10. Now, I may consider the other two aspects of the matter, namely, the question of balance of convenience and irreparable injury. The learned Civil Judge has observed that the construction of the cinema building as such would not cause any inconvenience to the plaintiffs but on the other hand, the balance of convenience appears to be in favour of the defendant. According to him, the defendant has already got a no objection certificate. He has already cleared the site by demolishing the old houses standing thereon and has invested considerable amount in it. It also appears that no objection was raised by the plaintiffs at the time the old houses were being demolished with the intention of raising the cinema house. If the defendant is now restrained from raising the cinema house, he would be deprived of the proper use of the money invested and kept ready for further investment in this project. In the course of the judgment he has also found that the construction of the cinema house would neigher create any problems of traffice nor the air and light of the houses in the vicinity would be substantially effected. He has also found that there are commercial buildings near about and in the line of the cinema house propsed and, therefore, the construction of the cinema house would also not amount to a nuisance. These considerations, in my opinion, cannot be said to be improper or irrelevant. In these circumstances, when this condition has been found in favour of the defendant, the mere fact that there is a prima facie case h favour of the plaintiffs the ptaintiffs would not be entitled to injunction sought for.
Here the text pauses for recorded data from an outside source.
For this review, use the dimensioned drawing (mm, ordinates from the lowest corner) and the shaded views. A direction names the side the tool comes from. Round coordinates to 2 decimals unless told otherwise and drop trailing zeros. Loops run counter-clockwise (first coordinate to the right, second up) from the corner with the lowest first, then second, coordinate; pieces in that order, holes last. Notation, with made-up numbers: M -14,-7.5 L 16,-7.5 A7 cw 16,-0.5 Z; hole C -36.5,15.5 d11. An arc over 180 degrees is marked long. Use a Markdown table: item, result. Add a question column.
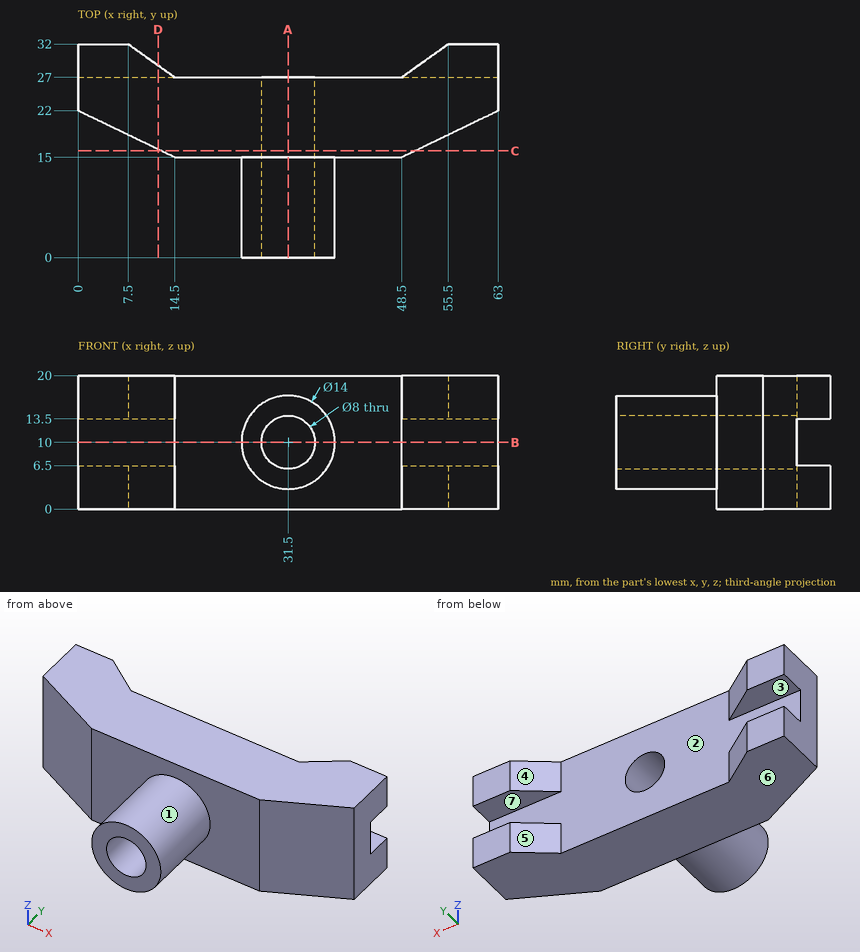
(1) Consider section B-B, the plane z = 10. Give the boundary of the cut face in (x, y).
(2) To check wall thickness, follow probe 1 along X at (y, z) = (14, 10); probe 2 along Y at (x, z) = (35, 4.5); probe 3 along X at (y, z) = (17, 10). State the ranges of each line that lie inside material, in increasing order.
(3) Consider section C-C, the plane y = 16. Give the boundary of the cut face in (x, z), then the cut area to 3 significant figures.
(4) Consider section D-D, the plane x = 12. Give the boundary of the cut face in (y, z), then the cut area to 3 significant figures.
(5) Consider section A-A, the plane x = 31.5. Give the boundary of the cut face in (y, z), then the cut area to 3 significant figures.
(6) Insertion check: pin 1 Ø10 at (x, z) = (29.5, 9.5) entering from -Y; pin 2 Ø5 at (x, z) = (32, 11.5) entering from +Y; pin 3 Ø1.5 at (y, z) = (14, 7) entering from +X; pin 4 Ø8 at (y, z) = (15, 11.5) entering from +X. Each pin has a flat end and moves straight along its axis. Give the tip position at first contact, or say it passes through.
(7) For the marked faces 1, 2, 3 and 4, list the 3-axis set-ups (+Z, -Z, +X, -X, +Y, -Y) from which the entire face can be reached by the end or side of a thin tool; tool diameter is ignored.
(8) Draft analysis for pull direction Z (two halves, no side actions). For the marked faces 5, 6 and 7, state which applies: released by +Z, released by -Z, zero draft, split by the parting line, or undercut.
Found:
| question | item | result |
|---|---|---|
| 1 | outline | M 0,22 L 14.5,15 L 24.5,15 L 24.5,0 L 27.5,0 L 27.5,27 L 0,27 Z; M 35.5,0 L 38.5,0 L 38.5,15 L 48.5,15 L 63,22 L 63,27 L 35.5,27 Z |
| 2 | probe 1 | x = 24.5 to 27.5, 35.5 to 38.5 |
| 2 | probe 2 | y = 0 to 27 |
| 2 | probe 3 | x = 10.36 to 27.5, 35.5 to 52.64 |
| 3 | outline | M 12.43,0 L 50.57,0 L 50.57,20 L 12.43,20 Z; hole C 31.5,10 d8 |
| 3 | area | 713 mm^2 |
| 4 | outline | M 16.21,0 L 28.79,0 L 28.79,6.5 L 27,6.5 L 27,13.5 L 28.79,13.5 L 28.79,20 L 16.21,20 Z |
| 4 | area | 239 mm^2 |
| 5 | outline | M 0,3 L 15,3 L 15,0 L 27,0 L 27,6 L 0,6 Z; M 0,14 L 27,14 L 27,20 L 15,20 L 15,17 L 0,17 Z |
| 5 | area | 234 mm^2 |
| 6 | pin 1 | stops at y = 0 |
| 6 | pin 2 | stops at y = 27 |
| 6 | pin 3 | stops at x = 38.13 |
| 6 | pin 4 | stops at x = 56.79 |
| 7 | face 1 | -Y |
| 7 | face 2 | +Y |
| 7 | face 3 | +X, -X, +Y |
| 7 | face 4 | +Z, -Z, +Y |
| 8 | face 5 | zero draft |
| 8 | face 6 | released by -Z |
| 8 | face 7 | undercut |

11. Similarly, on the question of irreparable injury the finding of the learned Civil Judge is in favour of the defendant and apparently when balance of convenience is in favour of the defendant, the plaintiffs would not be suffering any irreparable injury on account of this construction. The Ummed Hospital and the two educational institutions are at a considerable distance from the proposed cinema house though they may or may not be within the 200 meters raduis and, therefore, the patients and students are also not likely to be adversely affected. In this view of the matter, I do not find any reason to interfere with the order of the learned Civil Judge.
12. The result, therefore is, that this revision petition fails and 'is hereby rejected. However, looking to all the facts and circumstances of the case, I shall leave the parties to bear their own costs.